The subject came up because the fathers of the two fighters are intimately involved in the day-to-day lives of their sons. Trinidad's father, Felix, Snr a former fighter, not only trains his son, but most reports say he tightly controls his son's life outside the ring as well. Trinidad, who is married and expecting a second child, says that is fine with him, that his father "taught me how to throw my first, second, third, fourth punch and all the punches I have thrown. He's my father and my trainer."

Asked if his father withheld praise as De La Hoya's father does, Trinidad said, "my father gives me a lot of credit when I do things well and tells me when I do things wrong. That's why we are a very great team, father and son."
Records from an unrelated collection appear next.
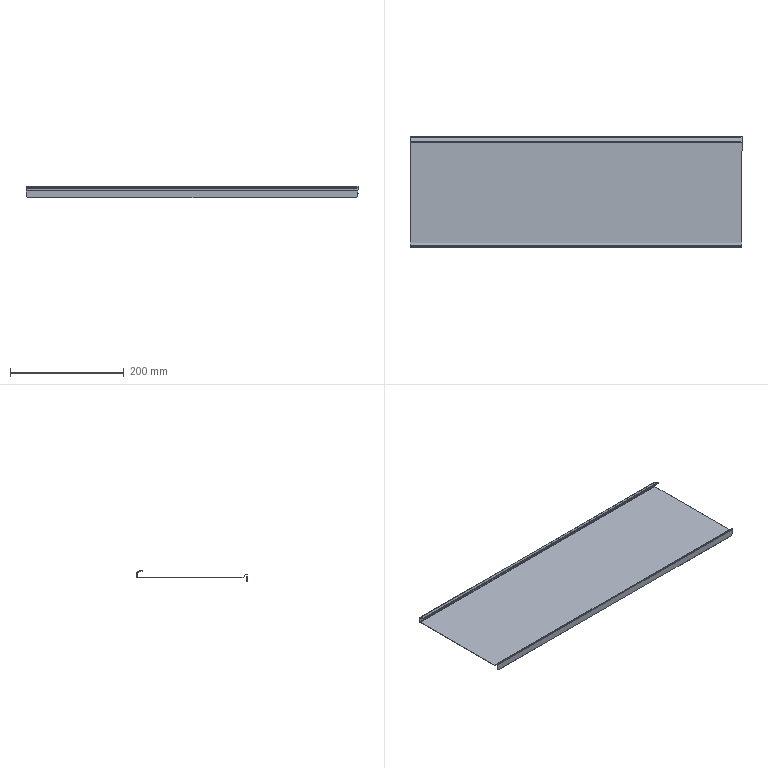Component | SolidWorks | PC-CAJ-P08-1_PC-CAJ-P18-1_PM-CAJ-P59-1 | 1 solid | 50 faces | volume 95648 mm3 | plane 38 | cylinder 12 | commonest cylinder face diameters 2.4 x5 1 x4 0.2 x2 1.6 x1 | material Plain Carbon Steel
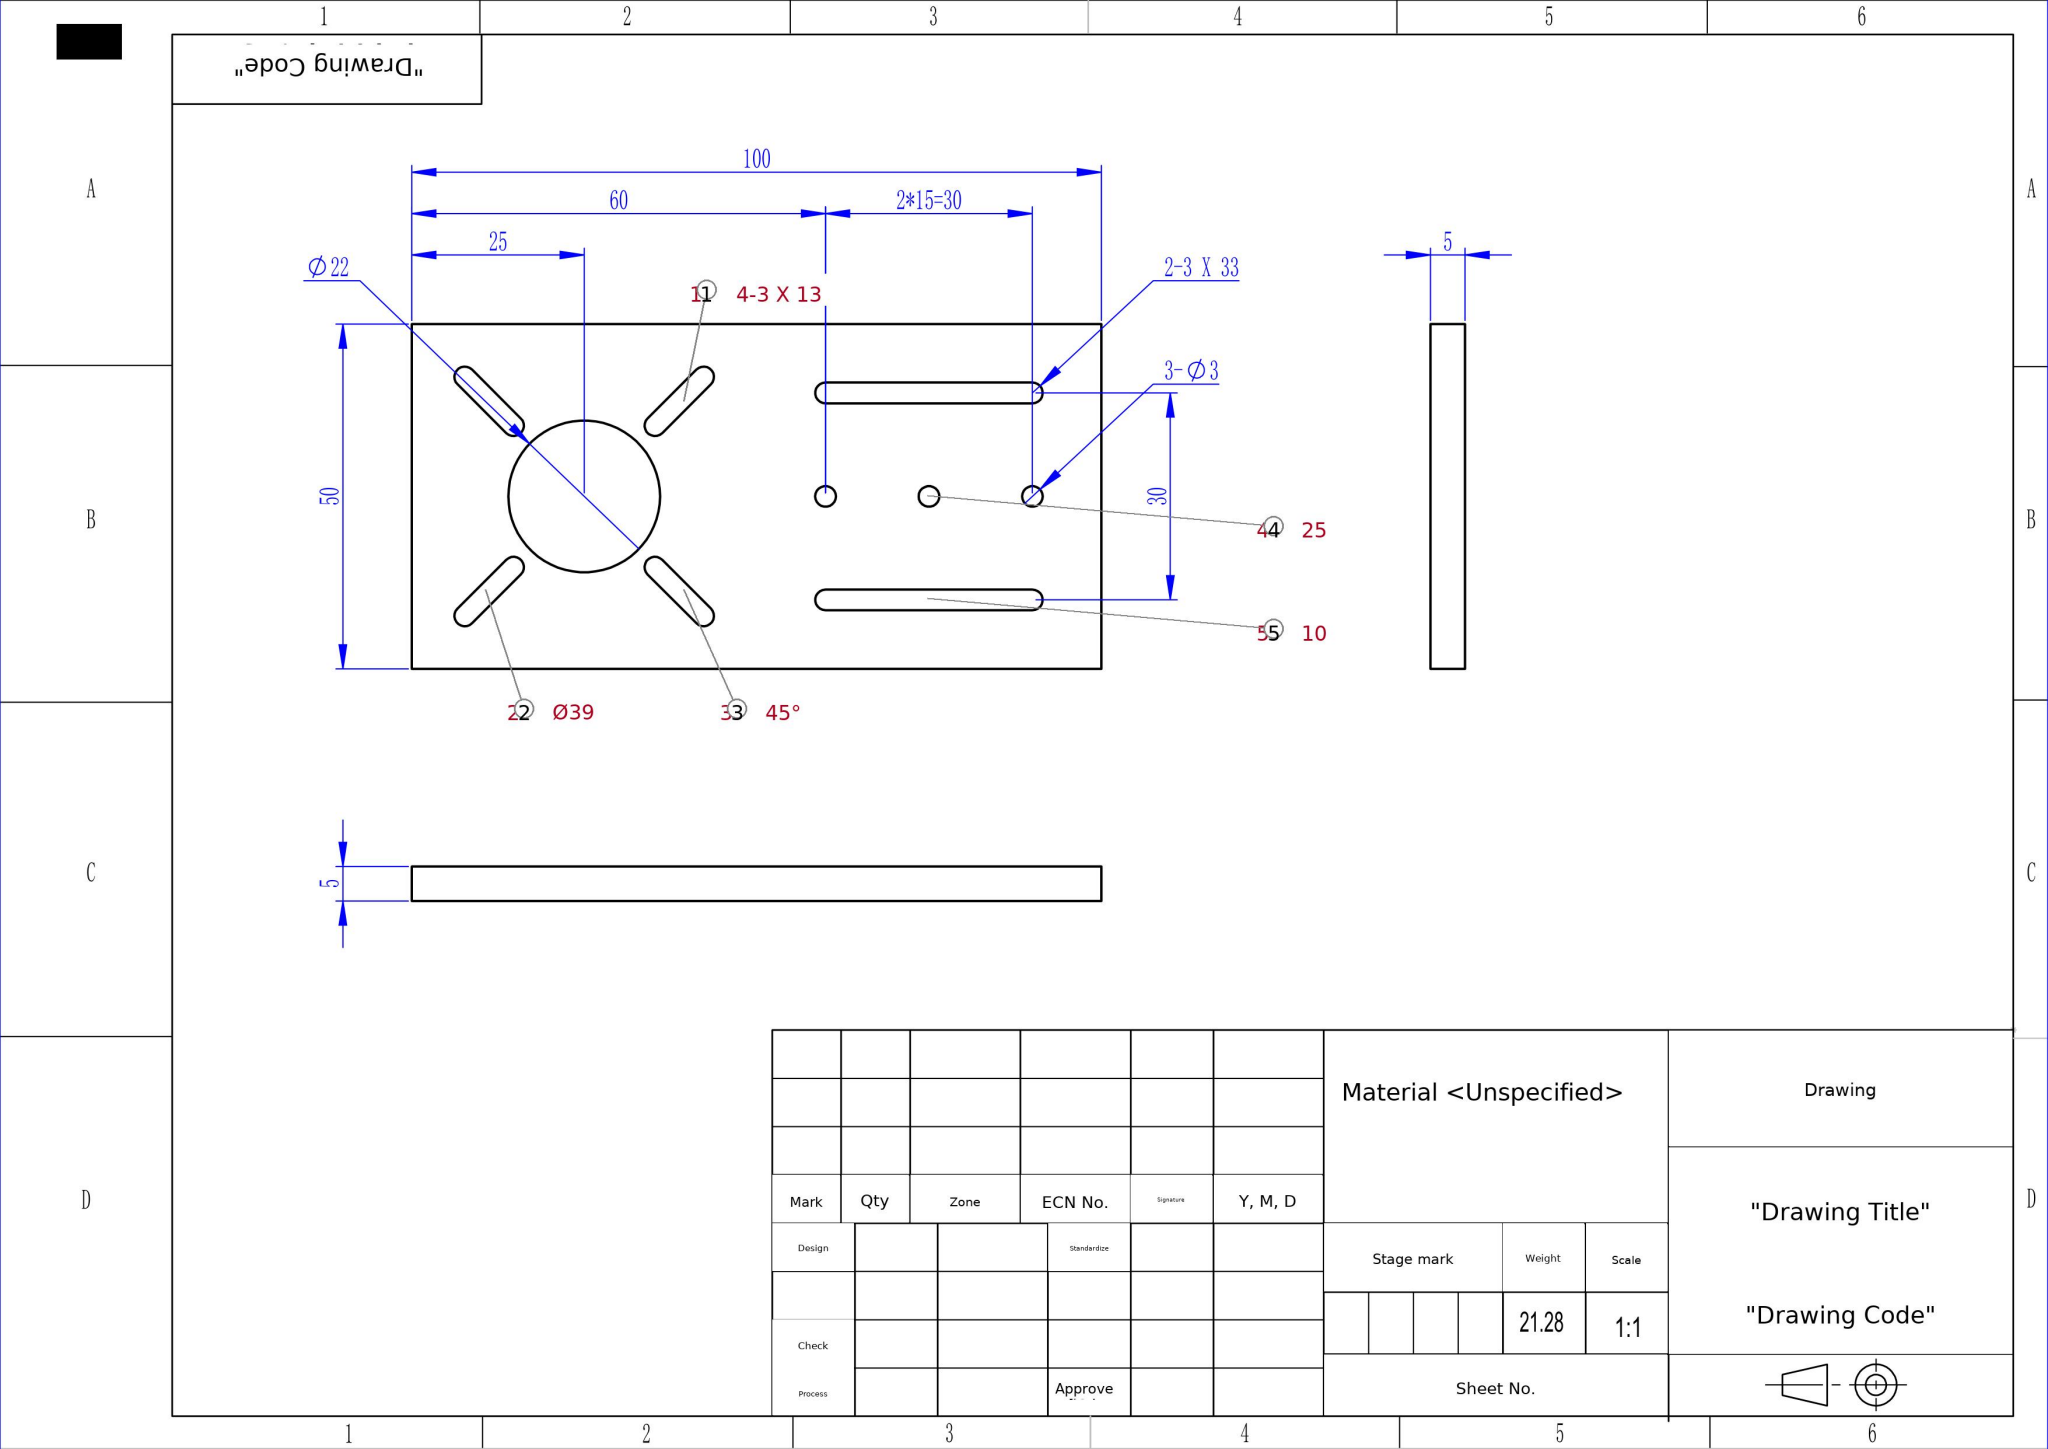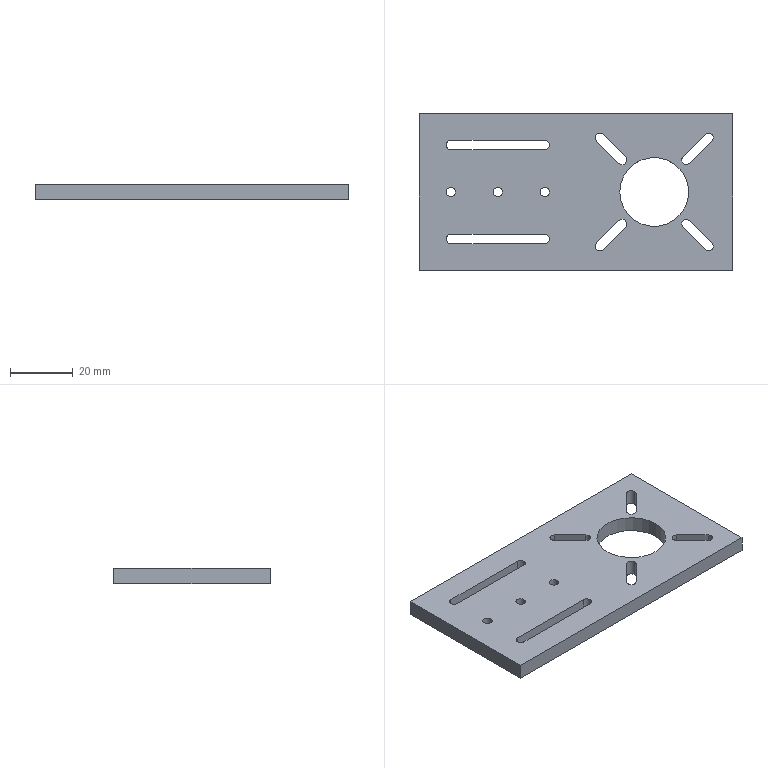Part | SolidWorks | mm | 1 solid | 44 faces | box 100 x 50 x 5 mm | volume 21281 mm3 | cylinder 26 | plane 18 | commonest cylinder face diameters 3 x24 22 x2
build123d program:
from build123d import *

# Parameters (mm, degrees)
BOSS_EXTRUDE1_DEPTH = 5


with BuildPart() as part:
    # Sketch1 → Boss-Extrude1 (new body)
    # profile 1 of 11: a face of its own
    with BuildSketch(Plane.XY):
        with BuildLine():
            Line((-8.5, 0), (0, 0))
            Line((0, 0), (0, 25))
            Line((0, 25), (-41.5, 25))
            Line((-41.5, 25), (-41.5, 15))
            Line((-41.5, 15), (-41.5, 0))
            ThreePointArc((-41.5, 0), (-40, 1.5), (-38.5, 0))
            Line((-38.5, 0), (-26.5, 0))
            ThreePointArc((-26.5, 0), (-25, 1.5), (-23.5, 0))
            Line((-23.5, 0), (-11.5, 0))
            ThreePointArc((-11.5, 0), (-10, 1.5), (-8.5, 0))
        make_face()
        with BuildLine():
            ThreePointArc((-40, 13.5), (-41.061, 13.939), (-41.5, 15))
            ThreePointArc((-41.5, 15), (-41.061, 16.061), (-40, 16.5))
            Line((-40, 16.5), (-10, 16.5))
            ThreePointArc((-10, 16.5), (-8.5, 15), (-10, 13.5))
            Line((-10, 13.5), (-40, 13.5))
        make_face(mode=Mode.SUBTRACT)
    # profile 2 of 11: a face of its own
    with BuildSketch(Plane.XY):
        Polygon((-41.5, 15), (-41.5, 25), (-50, 25), (-50, 0), (-41.5, 0), align=None)
    # profile 3 of 11: a face of its own
    with BuildSketch(Plane.XY):
        with BuildLine():
            Line((0, -25), (0, 0))
            Line((0, 0), (-8.5, 0))
            ThreePointArc((-8.5, 0), (-10, -1.5), (-11.5, 0))
            Line((-11.5, 0), (-23.5, 0))
            ThreePointArc((-23.5, 0), (-25, -1.5), (-26.5, 0))
            Line((-26.5, 0), (-38.5, 0))
            ThreePointArc((-38.5, 0), (-40, -1.5), (-41.5, 0))
            Line((-41.5, 0), (-50, 0))
            Line((-50, 0), (-50, -25))
            Line((-50, -25), (0, -25))
        make_face()
        with BuildLine():
            Line((-10, -16.5), (-40, -16.5))
            ThreePointArc((-40, -16.5), (-41.5, -15), (-40, -13.5))
            Line((-40, -13.5), (-10, -13.5))
            ThreePointArc((-10, -13.5), (-8.5, -15), (-10, -16.5))
        make_face(mode=Mode.SUBTRACT)
    # profile 4 of 11: a face of its own
    with BuildSketch(Plane.XY):
        with BuildLine():
            Line((0, 0), (14, 0))
            ThreePointArc((14, 0), (14.837, 4.21), (17.222, 7.778))
            Line((17.222, 7.778), (15.808, 9.192))
            ThreePointArc((15.808, 9.192), (14.747, 8.753), (13.686, 9.192))
            Line((13.686, 9.192), (6.615, 16.263))
            ThreePointArc((6.615, 16.263), (6.176, 17.324), (6.615, 18.385))
            Line((6.615, 18.385), (0, 25))
            Line((0, 25), (0, 0))
        make_face()
    # profile 5 of 11: a face of its own
    with BuildSketch(Plane.XY):
        with BuildLine():
            Line((15.808, 9.192), (17.222, 7.778))
            ThreePointArc((17.222, 7.778), (20.79, 10.163), (25, 11))
            Line((25, 11), (25, 25))
            Line((25, 25), (0, 25))
            Line((0, 25), (6.615, 18.385))
            ThreePointArc((6.615, 18.385), (7.676, 18.824), (8.737, 18.385))
            Line((8.737, 18.385), (15.808, 11.314))
            ThreePointArc((15.808, 11.314), (16.247, 10.253), (15.808, 9.192))
        make_face()
    # profile 6 of 11: a face of its own
    with BuildSketch(Plane.XY):
        with BuildLine():
            ThreePointArc((25, 11), (29.21, 10.163), (32.778, 7.778))
            Line((32.778, 7.778), (34.192, 9.192))
            ThreePointArc((34.192, 9.192), (33.753, 10.253), (34.192, 11.314))
            Line((34.192, 11.314), (41.263, 18.385))
            ThreePointArc((41.263, 18.385), (42.324, 18.824), (43.385, 18.385))
            Line((43.385, 18.385), (50, 25))
            Line((50, 25), (25, 25))
            Line((25, 25), (25, 11))
        make_face()
    # profile 7 of 11: a face of its own
    with BuildSketch(Plane.XY):
        with BuildLine():
            ThreePointArc((32.778, 7.778), (35.163, 4.21), (36, 0))
            Line((36, 0), (50, 0))
            Line((50, 0), (50, 25))
            Line((50, 25), (43.385, 18.385))
            ThreePointArc((43.385, 18.385), (43.824, 17.324), (43.385, 16.263))
            Line((43.385, 16.263), (36.314, 9.192))
            ThreePointArc((36.314, 9.192), (35.253, 8.753), (34.192, 9.192))
            Line((34.192, 9.192), (32.778, 7.778))
        make_face()
    # profile 8 of 11: a face of its own
    with BuildSketch(Plane.XY):
        with BuildLine():
            Line((50, 0), (36, 0))
            ThreePointArc((36, 0), (35.163, -4.21), (32.778, -7.778))
            Line((32.778, -7.778), (34.192, -9.192))
            ThreePointArc((34.192, -9.192), (35.253, -8.753), (36.314, -9.192))
            Line((36.314, -9.192), (43.385, -16.263))
            ThreePointArc((43.385, -16.263), (43.824, -17.324), (43.385, -18.385))
            Line((43.385, -18.385), (50, -25))
            Line((50, -25), (50, 0))
        make_face()
    # profile 9 of 11: a face of its own
    with BuildSketch(Plane.XY):
        with BuildLine():
            Line((34.192, -9.192), (32.778, -7.778))
            ThreePointArc((32.778, -7.778), (29.21, -10.163), (25, -11))
            Line((25, -11), (25, -25))
            Line((25, -25), (50, -25))
            Line((50, -25), (43.385, -18.385))
            ThreePointArc((43.385, -18.385), (42.324, -18.824), (41.263, -18.385))
            Line((41.263, -18.385), (34.192, -11.314))
            ThreePointArc((34.192, -11.314), (33.753, -10.253), (34.192, -9.192))
        make_face()
    # profile 10 of 11: a face of its own
    with BuildSketch(Plane.XY):
        with BuildLine():
            ThreePointArc((25, -11), (20.79, -10.163), (17.222, -7.778))
            Line((17.222, -7.778), (15.808, -9.192))
            ThreePointArc((15.808, -9.192), (16.247, -10.253), (15.808, -11.314))
            Line((15.808, -11.314), (8.737, -18.385))
            ThreePointArc((8.737, -18.385), (7.676, -18.824), (6.615, -18.385))
            Line((6.615, -18.385), (0, -25))
            Line((0, -25), (25, -25))
            Line((25, -25), (25, -11))
        make_face()
    # profile 11 of 11: a face of its own
    with BuildSketch(Plane.XY):
        with BuildLine():
            ThreePointArc((17.222, -7.778), (14.837, -4.21), (14, 0))
            Line((14, 0), (0, 0))
            Line((0, 0), (0, -25))
            Line((0, -25), (6.615, -18.385))
            ThreePointArc((6.615, -18.385), (6.176, -17.324), (6.615, -16.263))
            Line((6.615, -16.263), (13.686, -9.192))
            ThreePointArc((13.686, -9.192), (14.747, -8.753), (15.808, -9.192))
            Line((15.808, -9.192), (17.222, -7.778))
        make_face()
    extrude(amount=BOSS_EXTRUDE1_DEPTH)


solid = part.part

De La Hoya's father has been accused by people fired from the fighter's camp of exerting control over his son's career. De La Hoya was asked how he would feel if his father were with him every day like Trinidad's father. "I can't imagine it." De La Hoya said. "From the experience I've had with my father, if he were there every day, I couldn't take it. I'd want to be my own man. There'd be tension. He was there [in training camp] about three times and that was more than enough."

De La Hoya was asked if he knew that his father had told his son's trainer that he has never seen the boxer look so good. "I read it in a newspaper. But I don't want to read it, I want to hear it."